Aparte de la rápida extracción de los escombros por
FEMA, las autoridades consideraron que el acero era
bastante valioso ya que funcionarios de la ciudad de
Nueva York aseguraron que cada camión con escombros
fuera rastreado por GPS e incluso despidieron a un
camionero que se detuvo sin permiso para almorzar.
En
un análisis detallado, que acaba de ser publicado, y
que apoya la teoría de la demolición controlada,
Reynolds presenta un caso convincente.
"Primero, ningún rascacielos con armazón de acero, ni
siquiera si está envuelto en llamas durante horas y
horas, jamás se había derrumbado anteriormente. De
repente ocurren tres sorprendentes derrumbes en unas
pocas manzanas urbanas durante un solo día, dos de
ellos supuestamente alcanzados por aviones, el tercero
no", dijo Reynolds. "Estos extraordinarios derrumbes,
después de incendios menores de poca duración, hacían
que habría sido tanto más importante que se hubiera
preservado la evidencia, en su mayor parte vigas de
acero, para estudiar lo que había ocurrido.

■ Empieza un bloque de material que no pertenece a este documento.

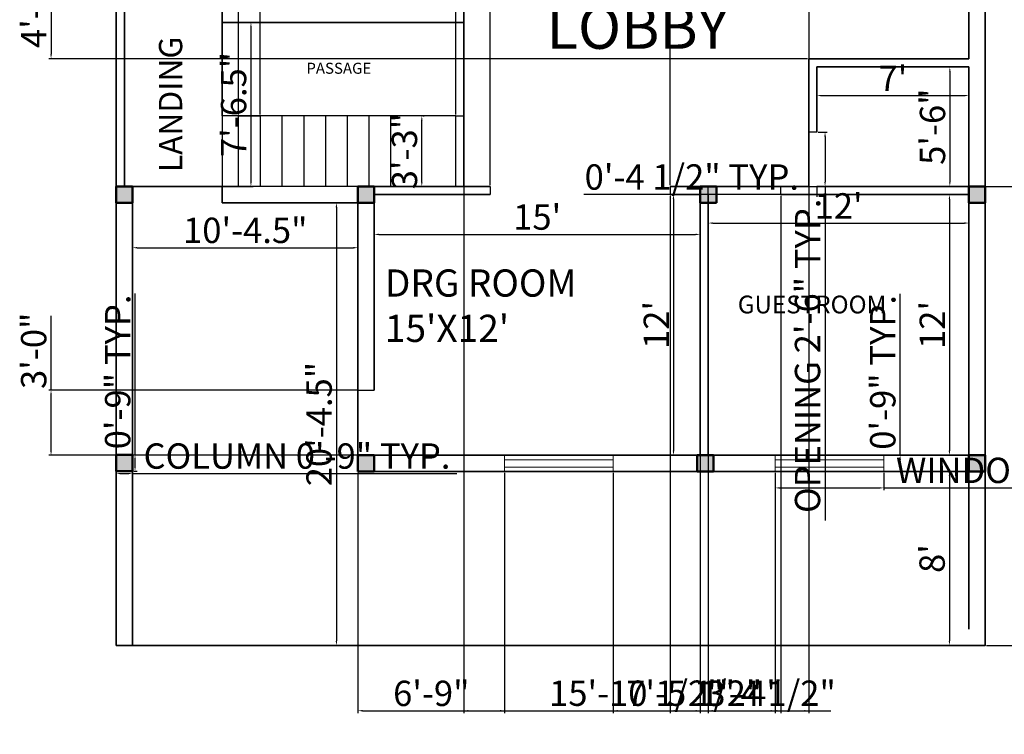
# Model space of a CAD drawing. Units: inches. Extents: x 3316 to 4157, y 2203 to 2977.
# Tile 1 of 4: x 3316 to 3860, y 2203 to 2597. Entities that reach past the tile are written whole.
import ezdxf

# ---------------------------------------------------------------- set-up
doc = ezdxf.new("R2010")
doc.units = ezdxf.units.IN
for name, color, linetype, lineweight in [('A-ANNO-DIMS', 2, 'Continuous', 18), ('A-AREA-IDEN', 7, 'Continuous', 25), ('A-COLS', 7, 'Continuous', 50), ('A-COLS-PATT', 4, 'Continuous', 13), ('A-DOOR', 3, 'Continuous', 25), ('A-FLOR-STRS', 7, 'Continuous', 25), ('A-GLAZ', 4, 'Continuous', 18), ('A-WALL', 7, 'Continuous', 35), ('C-PROP', 7, 'Continuous', 35)]:
    doc.layers.add(name, color=color, linetype=linetype, lineweight=lineweight)
doc.styles.get("Standard").update_dxf_attribs({"font": 'arial.ttf'})
doc.dimstyles.new('ISO-25', dxfattribs={"dimtxt": 14, "dimasz": 2.5, "dimexe": 1.25, "dimexo": 0.625, "dimtad": 1, "dimlunit": 3, "dimtxsty": 'Standard', "dimcen": 2.5, "dimadec": 0, "dimazin": 0, "dimtfac": 1, "dimtmove": 0, "dimatfit": 3, "dimfxl": 1, "dimarcsym": 0})

# ---------------------------------------------------------------- blocks, each defined once
blk = doc.blocks.new('*D4')
at = {"layer": 'A-ANNO-DIMS', "color": 0, "lineweight": -2, "transparency": 16777216}
for p, q in [((3829.8, 2345.34), (3829.8, 2254.34)), ((3830.42, 2347.84), (3831.05, 2347.84)), ((3826.44, 2251.84), (3831.05, 2251.84))]:
    blk.add_line(p, q, dxfattribs=at)
at = {"layer": 'A-ANNO-DIMS', "color": 0, "transparency": 16777216}
for points in [[(3829.38, 2345.34), (3830.21, 2345.34), (3829.8, 2347.84)], [(3829.38, 2254.34), (3830.21, 2254.34), (3829.8, 2251.84)]]:
    blk.add_solid(points, dxfattribs=at)
at = {"layer": 'Defpoints', "color": 0, "transparency": 16777216}
for p in [(3829.8, 2347.84), (3825.82, 2251.84), (3829.8, 2251.84)]:
    blk.add_point(p, dxfattribs=at)
at = {"layer": 'A-ANNO-DIMS', "color": 0, "transparency": 16777216, "insert": (3822.02, 2299.84), "char_height": 14, "attachment_point": 5, "rotation": 90}
blk.add_mtext("8'", dxfattribs=at)
blk = doc.blocks.new('*D5')
at = {"layer": 'A-ANNO-DIMS', "color": 0, "lineweight": -2, "transparency": 16777216}
for p, q in [((3677.36, 2498.34), (3677.36, 2359.34)), ((3677.99, 2500.84), (3678.61, 2500.84)), ((3532.24, 2356.84), (3678.61, 2356.84))]:
    blk.add_line(p, q, dxfattribs=at)
at = {"layer": 'A-ANNO-DIMS', "color": 0, "transparency": 16777216}
for points in [[(3676.94, 2498.34), (3677.78, 2498.34), (3677.36, 2500.84)], [(3676.94, 2359.34), (3677.78, 2359.34), (3677.36, 2356.84)]]:
    blk.add_solid(points, dxfattribs=at)
at = {"layer": 'Defpoints', "color": 0, "transparency": 16777216}
for p in [(3677.36, 2500.84), (3531.62, 2356.84), (3677.36, 2356.84)]:
    blk.add_point(p, dxfattribs=at)
at = {"layer": 'A-ANNO-DIMS', "color": 0, "transparency": 16777216, "insert": (3669.71, 2428.84), "char_height": 14, "attachment_point": 5, "rotation": 90}
blk.add_mtext("12'", dxfattribs=at)
blk = doc.blocks.new('*D7')
at = {"layer": 'A-ANNO-DIMS', "color": 0, "lineweight": -2, "transparency": 16777216}
for p, q in [((3850.21, 2887.84), (4040.36, 2887.84)), ((4039.11, 2885.34), (4039.11, 2254.34)), ((3850.21, 2251.84), (4040.36, 2251.84))]:
    blk.add_line(p, q, dxfattribs=at)
at = {"layer": 'A-ANNO-DIMS', "color": 0, "transparency": 16777216}
for points in [[(4038.69, 2885.34), (4039.53, 2885.34), (4039.11, 2887.84)], [(4038.69, 2254.34), (4039.53, 2254.34), (4039.11, 2251.84)]]:
    blk.add_solid(points, dxfattribs=at)
at = {"layer": 'Defpoints', "color": 0, "transparency": 16777216}
for p in [(3849.58, 2887.84), (3849.58, 2251.84), (4039.11, 2251.84)]:
    blk.add_point(p, dxfattribs=at)
at = {"layer": 'A-ANNO-DIMS', "color": 0, "transparency": 16777216, "insert": (4031.33, 2569.84), "char_height": 14, "attachment_point": 5, "rotation": 90}
blk.add_mtext("53'", dxfattribs=at)
blk = doc.blocks.new('*D12')
at = {"layer": 'A-ANNO-DIMS', "color": 0, "lineweight": -2, "transparency": 16777216}
for p, q in [((3538.33, 2507.84), (3538.33, 2541.84)), ((3538.96, 2544.34), (3539.58, 2544.34)), ((3538.96, 2505.34), (3539.58, 2505.34))]:
    blk.add_line(p, q, dxfattribs=at)
at = {"layer": 'A-ANNO-DIMS', "color": 0, "transparency": 16777216}
for points in [[(3537.91, 2541.84), (3538.75, 2541.84), (3538.33, 2544.34)], [(3537.91, 2507.84), (3538.75, 2507.84), (3538.33, 2505.34)]]:
    blk.add_solid(points, dxfattribs=at)
at = {"layer": 'Defpoints', "color": 0, "transparency": 16777216}
for p in [(3538.33, 2544.34), (3538.33, 2544.34), (3538.33, 2505.34)]:
    blk.add_point(p, dxfattribs=at)
at = {"layer": 'A-ANNO-DIMS', "color": 0, "transparency": 16777216, "insert": (3530.55, 2524.84), "char_height": 14, "attachment_point": 5, "rotation": 90}
blk.add_mtext('3\'-3"', dxfattribs=at)
blk = doc.blocks.new('*D13')
at = {"layer": 'A-ANNO-DIMS', "color": 0, "lineweight": -2, "transparency": 16777216}
for p, q in [((3428.71, 2595.84), (3445.21, 2595.84)), ((3443.96, 2593.34), (3443.96, 2507.84)), ((3428.71, 2505.34), (3445.21, 2505.34))]:
    blk.add_line(p, q, dxfattribs=at)
at = {"layer": 'A-ANNO-DIMS', "color": 0, "transparency": 16777216}
for points in [[(3443.54, 2593.34), (3444.37, 2593.34), (3443.96, 2595.84)], [(3443.54, 2507.84), (3444.37, 2507.84), (3443.96, 2505.34)]]:
    blk.add_solid(points, dxfattribs=at)
at = {"layer": 'Defpoints', "color": 0, "transparency": 16777216}
for p in [(3428.08, 2595.84), (3428.08, 2505.34), (3443.96, 2505.34)]:
    blk.add_point(p, dxfattribs=at)
at = {"layer": 'A-ANNO-DIMS', "color": 0, "transparency": 16777216, "insert": (3436.19, 2550.59), "char_height": 14, "attachment_point": 5, "rotation": 90}
blk.add_mtext('7\'-6.5"', dxfattribs=at)
blk = doc.blocks.new('*D18')
at = {"layer": 'A-ANNO-DIMS', "color": 0, "lineweight": -2, "transparency": 16777216}
for p, q in [((3839.96, 2571.34), (3828.76, 2571.34)), ((3830.01, 2568.84), (3830.01, 2507.84)), ((3839.96, 2505.34), (3828.76, 2505.34))]:
    blk.add_line(p, q, dxfattribs=at)
at = {"layer": 'A-ANNO-DIMS', "color": 0, "transparency": 16777216}
for points in [[(3829.59, 2568.84), (3830.42, 2568.84), (3830.01, 2571.34)], [(3829.59, 2507.84), (3830.42, 2507.84), (3830.01, 2505.34)]]:
    blk.add_solid(points, dxfattribs=at)
at = {"layer": 'Defpoints', "color": 0, "transparency": 16777216}
for p in [(3840.58, 2571.34), (3830.01, 2505.34), (3840.58, 2505.34)]:
    blk.add_point(p, dxfattribs=at)
at = {"layer": 'A-ANNO-DIMS', "color": 0, "transparency": 16777216, "insert": (3822.24, 2538.34), "char_height": 14, "attachment_point": 5, "rotation": 90}
blk.add_mtext('5\'-6"', dxfattribs=at)
blk = doc.blocks.new('*D19')
at = {"layer": 'A-ANNO-DIMS', "color": 0, "lineweight": -2, "transparency": 16777216}
for p, q in [((3756.58, 2570.72), (3756.58, 2554.25)), ((3840.58, 2570.72), (3840.58, 2554.25)), ((3759.08, 2555.5), (3838.08, 2555.5))]:
    blk.add_line(p, q, dxfattribs=at)
at = {"layer": 'A-ANNO-DIMS', "color": 0, "transparency": 16777216}
for points in [[(3759.08, 2555.91), (3759.08, 2555.08), (3756.58, 2555.5)], [(3838.08, 2555.91), (3838.08, 2555.08), (3840.58, 2555.5)]]:
    blk.add_solid(points, dxfattribs=at)
at = {"layer": 'Defpoints', "color": 0, "transparency": 16777216}
for p in [(3756.58, 2571.34), (3840.58, 2571.34), (3840.58, 2555.5)]:
    blk.add_point(p, dxfattribs=at)
at = {"layer": 'A-ANNO-DIMS', "color": 0, "transparency": 16777216, "insert": (3798.58, 2563.12), "char_height": 14, "attachment_point": 5}
blk.add_mtext("7'", dxfattribs=at)
blk = doc.blocks.new('*D20')
at = {"layer": 'A-ANNO-DIMS', "color": 0, "lineweight": -2, "transparency": 16777216}
for p, q in [((3839.96, 2500.84), (3828.55, 2500.84)), ((3829.8, 2498.34), (3829.8, 2359.34)), ((3839.96, 2356.84), (3828.55, 2356.84))]:
    blk.add_line(p, q, dxfattribs=at)
at = {"layer": 'A-ANNO-DIMS', "color": 0, "transparency": 16777216}
for points in [[(3829.38, 2498.34), (3830.21, 2498.34), (3829.8, 2500.84)], [(3829.38, 2359.34), (3830.21, 2359.34), (3829.8, 2356.84)]]:
    blk.add_solid(points, dxfattribs=at)
at = {"layer": 'Defpoints', "color": 0, "transparency": 16777216}
for p in [(3840.58, 2500.84), (3829.8, 2356.84), (3840.58, 2356.84)]:
    blk.add_point(p, dxfattribs=at)
at = {"layer": 'A-ANNO-DIMS', "color": 0, "transparency": 16777216, "insert": (3822.14, 2428.84), "char_height": 14, "attachment_point": 5, "rotation": 90}
blk.add_mtext("12'", dxfattribs=at)
blk = doc.blocks.new('*D21')
at = {"layer": 'A-ANNO-DIMS', "color": 0, "lineweight": -2, "transparency": 16777216}
for p, q in [((3696.58, 2357.47), (3696.58, 2486.34)), ((3840.58, 2357.47), (3840.58, 2486.34)), ((3699.08, 2485.09), (3838.08, 2485.09))]:
    blk.add_line(p, q, dxfattribs=at)
at = {"layer": 'A-ANNO-DIMS', "color": 0, "transparency": 16777216}
for points in [[(3699.08, 2485.51), (3699.08, 2484.68), (3696.58, 2485.09)], [(3838.08, 2485.51), (3838.08, 2484.68), (3840.58, 2485.09)]]:
    blk.add_solid(points, dxfattribs=at)
at = {"layer": 'Defpoints', "color": 0, "transparency": 16777216}
for p in [(3840.58, 2485.09), (3696.58, 2356.84), (3840.58, 2356.84)]:
    blk.add_point(p, dxfattribs=at)
at = {"layer": 'A-ANNO-DIMS', "color": 0, "transparency": 16777216, "insert": (3768.58, 2492.75), "char_height": 14, "attachment_point": 5}
blk.add_mtext("12'", dxfattribs=at)
blk = doc.blocks.new('*D24')
at = {"layer": 'A-ANNO-DIMS', "color": 0, "lineweight": -2, "transparency": 16777216}
for p, q in [((3378.58, 2504.72), (3378.58, 2470.22)), ((3503.08, 2495.72), (3503.08, 2470.22)), ((3381.08, 2471.47), (3500.58, 2471.47))]:
    blk.add_line(p, q, dxfattribs=at)
at = {"layer": 'A-ANNO-DIMS', "color": 0, "transparency": 16777216}
for points in [[(3381.08, 2471.89), (3381.08, 2471.06), (3378.58, 2471.47)], [(3500.58, 2471.89), (3500.58, 2471.06), (3503.08, 2471.47)]]:
    blk.add_solid(points, dxfattribs=at)
at = {"layer": 'Defpoints', "color": 0, "transparency": 16777216}
for p in [(3378.58, 2505.34), (3503.08, 2496.34), (3503.08, 2471.47)]:
    blk.add_point(p, dxfattribs=at)
at = {"layer": 'A-ANNO-DIMS', "color": 0, "transparency": 16777216, "insert": (3440.83, 2479.25), "char_height": 14, "attachment_point": 5}
blk.add_mtext('10\'-4.5"', dxfattribs=at)
blk = doc.blocks.new('*D25')
at = {"layer": 'A-ANNO-DIMS', "color": 0, "lineweight": -2, "transparency": 16777216}
for p, q in [((3502.46, 2496.34), (3489.92, 2496.34)), ((3491.17, 2493.84), (3491.17, 2254.34)), ((3502.46, 2251.84), (3489.92, 2251.84))]:
    blk.add_line(p, q, dxfattribs=at)
at = {"layer": 'A-ANNO-DIMS', "color": 0, "transparency": 16777216}
for points in [[(3490.75, 2493.84), (3491.59, 2493.84), (3491.17, 2496.34)], [(3490.75, 2254.34), (3491.59, 2254.34), (3491.17, 2251.84)]]:
    blk.add_solid(points, dxfattribs=at)
at = {"layer": 'Defpoints', "color": 0, "transparency": 16777216}
for p in [(3503.08, 2496.34), (3491.17, 2251.84), (3503.08, 2251.84)]:
    blk.add_point(p, dxfattribs=at)
at = {"layer": 'A-ANNO-DIMS', "color": 0, "transparency": 16777216, "insert": (3483.4, 2374.09), "char_height": 14, "attachment_point": 5, "rotation": 90}
blk.add_mtext('20\'-4.5"', dxfattribs=at)
blk = doc.blocks.new('*D27')
at = {"layer": 'A-ANNO-DIMS', "color": 0, "lineweight": -2, "transparency": 16777216}
for p, q in [((3512.08, 2500.22), (3512.08, 2477.57)), ((3692.08, 2500.22), (3692.08, 2477.57)), ((3514.58, 2478.82), (3689.58, 2478.82))]:
    blk.add_line(p, q, dxfattribs=at)
at = {"layer": 'A-ANNO-DIMS', "color": 0, "transparency": 16777216}
for points in [[(3514.58, 2479.24), (3514.58, 2478.4), (3512.08, 2478.82)], [(3689.58, 2479.24), (3689.58, 2478.4), (3692.08, 2478.82)]]:
    blk.add_solid(points, dxfattribs=at)
at = {"layer": 'Defpoints', "color": 0, "transparency": 16777216}
for p in [(3512.08, 2500.84), (3692.08, 2500.84), (3692.08, 2478.82)]:
    blk.add_point(p, dxfattribs=at)
at = {"layer": 'A-ANNO-DIMS', "color": 0, "transparency": 16777216, "insert": (3602.08, 2486.59), "char_height": 14, "attachment_point": 5}
blk.add_mtext("15'", dxfattribs=at)
blk = doc.blocks.new('COL-9IN-SQ')
for p, q in [((0, 9), (0, 0)), ((9, 9), (0, 9)), ((9, 0), (9, 9)), ((0, 0), (9, 0))]:
    blk.add_line(p, q)
blk = doc.blocks.new('WIN-60IN')
for p, q in [((0, 0), (0, 9)), ((60, 6.5), (0, 6.5)), ((60, 9), (60, 0)), ((60, 2.5), (0, 2.5)), ((60, 0), (0, 0))]:
    blk.add_line(p, q)
blk = doc.blocks.new('DOOR-30IN-OPENING')
for p, q in [((4.5, 30), (0, 30)), ((4.5, 0), (4.5, 30)), ((0, 0), (4.5, 0))]:
    blk.add_line(p, q)
blk = doc.blocks.new('*D34')
at = {"layer": 'A-ANNO-DIMS', "color": 0, "lineweight": -2, "transparency": 16777216}
for p, q in [((3369.58, 2347.48), (3369.58, 2345.5)), ((3372.08, 2346.75), (3376.08, 2346.75)), ((3378.58, 2347.48), (3378.58, 2345.5)), ((3378.58, 2346.75), (3557.7, 2346.75))]:
    blk.add_line(p, q, dxfattribs=at)
at = {"layer": 'A-ANNO-DIMS', "color": 0, "transparency": 16777216}
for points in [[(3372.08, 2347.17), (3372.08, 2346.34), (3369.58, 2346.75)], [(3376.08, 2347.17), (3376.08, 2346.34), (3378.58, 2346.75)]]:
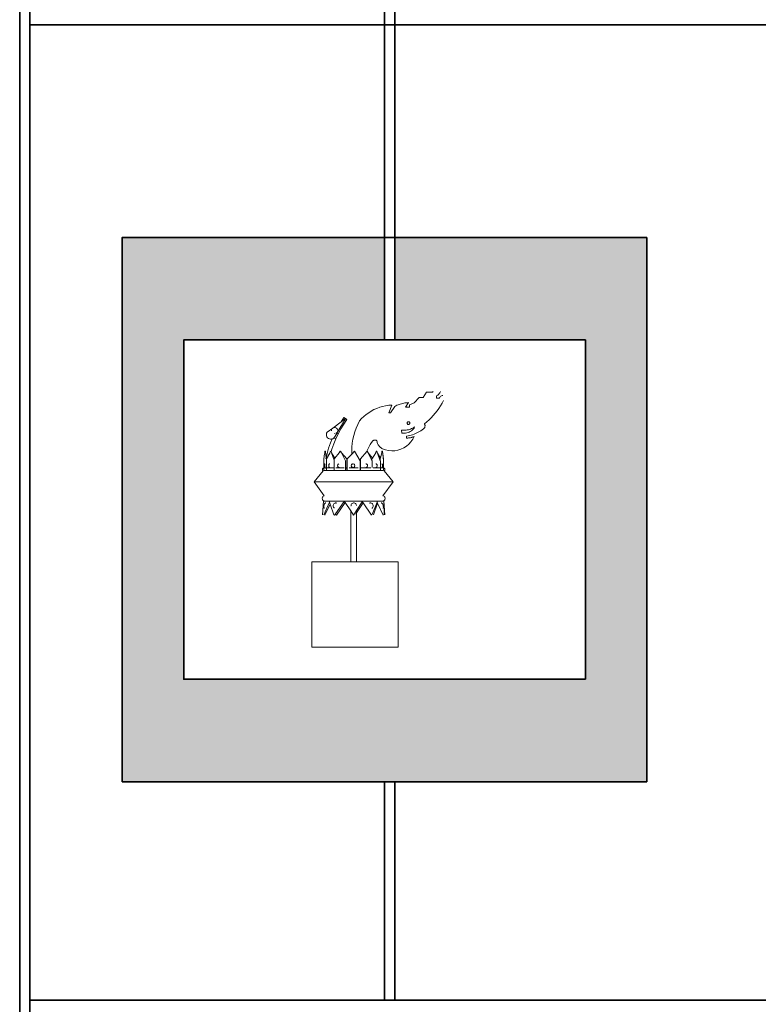
# Model space of a CAD drawing. Units: millimetres. Extents: x 2322 to 2394, y 1600 to 1790.
# Tile 2 of 5: x 2322 to 2358, y 1648 to 1696. Entities that reach past the tile are written whole.
import ezdxf

# ---------------------------------------------------------------- set-up
doc = ezdxf.new("R2010")
doc.units = ezdxf.units.MM
for name, color, linetype, lineweight in [('A-FURN', 7, 'Continuous', 35), ('A-FURN-ACCS', 8, 'Continuous', 18), ('A-FURN-PATT', 18, 'Continuous', 13)]:
    doc.layers.add(name, color=color, linetype=linetype, lineweight=lineweight)

msp = doc.modelspace()

# ---------------------------------------------------------------- hatches: boundary and pattern name
at = {"layer": 'A-FURN-PATT'}
h = msp.add_hatch(color=256, dxfattribs=at)
h.dxf.hatch_style = 1
h.paths.add_polyline_path([(2392.874, 1742.691), (2367.299, 1742.691), (2367.299, 1716.15), (2378.094, 1716.15), (2378.094, 1721.15), (2376.822, 1721.15), (2370.299, 1721.15), (2370.299, 1737.691), (2389.874, 1737.691), (2389.874, 1721.15), (2378.594, 1721.15), (2378.594, 1716.15), (2392.874, 1716.15)])
h.paths.add_polyline_path([(2352.154, 1685.571), (2339.867, 1685.571), (2339.867, 1680.571), (2349.154, 1680.571), (2349.154, 1664.029), (2329.579, 1664.029), (2329.579, 1680.571), (2339.367, 1680.571), (2339.367, 1685.571), (2326.579, 1685.571), (2326.579, 1659.029), (2352.154, 1659.029)])
h.paths.add_polyline_path([(2390.882, 1635.073), (2365.307, 1635.073), (2365.307, 1608.531), (2390.882, 1608.531)])
h.paths.add_polyline_path([(2387.882, 1630.073), (2387.882, 1613.531), (2368.307, 1613.531), (2368.307, 1630.073)], flags=16)
h.paths.add_polyline_path([(2373.463, 1622.711), (2373.46, 1622.644), (2373.462, 1622.642)], flags=0)
h.paths.add_polyline_path([(2380.387, 1618.619), (2380.387, 1618.619), (2380.35, 1618.619)], flags=0)
h.paths.add_polyline_path([(2377.431, 1618.132), (2377.363, 1618.141), (2377.19, 1618.152), (2377.145, 1618.149), (2376.982, 1618.132)], flags=0)
h.paths.add_polyline_path([(2376.126, 1618.152), (2375.767, 1618.152), (2375.734, 1618.152), (2375.734, 1618.152), (2375.028, 1618.152), (2375.028, 1618.198), (2374.578, 1618.295), (2374.235, 1618.449), (2373.926, 1618.69), (2373.709, 1619.163), (2373.66, 1619.336), (2373.672, 1619.402), (2373.73, 1620.54), (2373.702, 1622.038), (2373.678, 1622.131), (2373.705, 1621.917), (2373.73, 1620.54), (2373.667, 1619.311), (2373.709, 1619.163), (2373.87, 1618.812), (2373.949, 1618.699), (2374.037, 1618.604), (2374.187, 1618.486), (2374.3, 1618.42), (2374.485, 1618.337), (2374.688, 1618.272), (2374.979, 1618.209), (2375.028, 1618.203), (2375.028, 1618.372), (2375.028, 1618.619), (2377.125, 1618.619), (2377.165, 1620.356), (2377.172, 1620.356), (2377.172, 1620.357), (2377.341, 1620.357), (2377.354, 1620.357), (2377.354, 1623.532), (2377.38, 1623.766), (2377.629, 1623.72), (2377.726, 1623.72), (2377.722, 1623.891), (2377.719, 1624.041), (2377.644, 1624.123), (2377.631, 1624.228), (2377.644, 1624.211), (2377.677, 1624.213), (2377.688, 1624.153), (2377.757, 1624.059), (2377.78, 1623.72), (2377.883, 1623.72), (2378.152, 1623.76), (2378.155, 1620.358), (2378.298, 1620.356), (2378.301, 1620.356), (2378.362, 1620.357), (2378.402, 1618.619), (2377.354, 1618.619), (2377.125, 1618.619), (2375.028, 1618.619), (2375.028, 1618.372), (2375.028, 1618.177), (2375.049, 1618.152), (2375.734, 1618.152), (2375.756, 1618.153), (2375.767, 1618.152), (2376.126, 1618.152), (2376.144, 1618.154), (2376.168, 1618.151)], flags=0)
h.paths.add_polyline_path([(2380.5, 1618.343), (2380.401, 1618.342), (2380.5, 1618.342)], flags=0)
h.paths.add_polyline_path([(2378.836, 1627.111), (2378.86, 1627.114), (2378.771, 1627.114), (2378.773, 1627.108)], flags=0)
h.paths.add_polyline_path([(2378.972, 1627.091), (2379.09, 1626.957), (2378.972, 1626.879), (2378.964, 1626.862), (2378.975, 1626.787), (2379.128, 1626.434), (2379.25, 1626.246), (2379.42, 1626.03), (2379.646, 1625.791), (2380.15, 1625.354), (2380.519, 1624.956), (2380.743, 1624.553), (2380.884, 1624.119), (2380.94, 1623.673), (2380.977, 1621.652), (2380.892, 1619.98), (2380.807, 1619.502), (2380.712, 1619.163), (2380.621, 1618.942), (2380.422, 1618.619), (2380.413, 1618.619), (2380.386, 1618.619), (2380.474, 1618.703), (2380.621, 1618.942), (2380.712, 1619.163), (2380.807, 1619.502), (2380.892, 1619.98), (2380.977, 1621.652), (2380.94, 1623.673), (2380.9, 1623.987), (2380.843, 1624.244), (2380.778, 1624.446), (2380.693, 1624.644), (2380.585, 1624.839), (2380.452, 1625.029), (2380.15, 1625.354), (2379.646, 1625.791), (2379.324, 1626.132), (2379.128, 1626.434), (2378.92, 1626.915), (2378.841, 1626.975), (2378.869, 1626.811), (2379.027, 1626.915), (2379.041, 1626.939), (2379.037, 1626.997), (2379.02, 1627.036), (2378.879, 1627.196), (2378.841, 1627.151)], flags=0)
h.paths.add_polyline_path([(2375.501, 1627.114), (2375.642, 1627.103), (2375.561, 1626.855), (2375.555, 1626.827), (2375.48, 1626.868), (2375.292, 1626.434), (2375.097, 1626.132), (2374.775, 1625.791), (2374.271, 1625.354), (2374.13, 1625.216), (2373.969, 1625.029), (2373.836, 1624.839), (2373.728, 1624.644), (2373.643, 1624.446), (2373.537, 1624.119), (2373.52, 1623.987), (2373.601, 1624.348), (2373.773, 1624.748), (2374.034, 1625.122), (2374.271, 1625.354), (2374.775, 1625.791), (2375.001, 1626.03), (2375.171, 1626.246), (2375.292, 1626.434), (2375.445, 1626.787), (2375.447, 1626.797), (2375.334, 1627.042)], flags=0)
h.paths.add_polyline_path([(2375.398, 1627.114), (2375.384, 1626.997), (2375.411, 1627.054), (2375.531, 1627.169), (2375.597, 1627.114)], flags=0)
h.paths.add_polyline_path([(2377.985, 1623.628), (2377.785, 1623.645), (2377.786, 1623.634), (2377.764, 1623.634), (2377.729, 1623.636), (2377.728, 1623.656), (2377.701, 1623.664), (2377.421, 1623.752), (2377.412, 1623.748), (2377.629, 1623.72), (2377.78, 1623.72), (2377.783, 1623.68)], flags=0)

"Respecto a la intensidad del fuego, consideremos el
siguiente parámetro: Un informe de FEMA de 1991 sobre
el incendio del Meridian Plaza de Filadelfia dijo que
el fuego fue tan intenso que ‘las vigas y las vigas
maestras se combaron y se retorcieron, pero a pesar de
esta extraordinaria exposición, las columnas
continuaron apoyando su carga sin sufrir un daño
obvio’. Un fuego tan intenso con vigas de acero que se
combaron y retorcieron como resultado, no tiene ningún
parecido con lo que se observó en el WTC."
Después de considerar ambos lados del debate sobre el
11-S y después de revisar exhaustivamente todo el
material disponible, Reynolds concluye que la historia
del gobierno sobre los cuatro accidentes aéreos del
11-S sigue siendo sospechosa.
"En realidad, el gobierno no ha presentado restos de
importancia de ninguno de los cuatro presuntos aviones
de ese aciago día. La conocida foto del lugar de la
caída del Vuelo 93 en Pensilvania no muestra el
fuselaje, ni un motor, ni nada que pueda ser
reconocido como un avión, sólo un agujero humeante en
el suelo", dijo Reynolds. "Se informó que no se
permitió que los fotógrafos se acercaran al agujero.
Ni el FBI ni
la Junta Nacional de Seguridad del Transporte (NTSB,
por sus siglas en inglés) han investigado o producido
algún informe sobre los presuntos accidentes aéreos."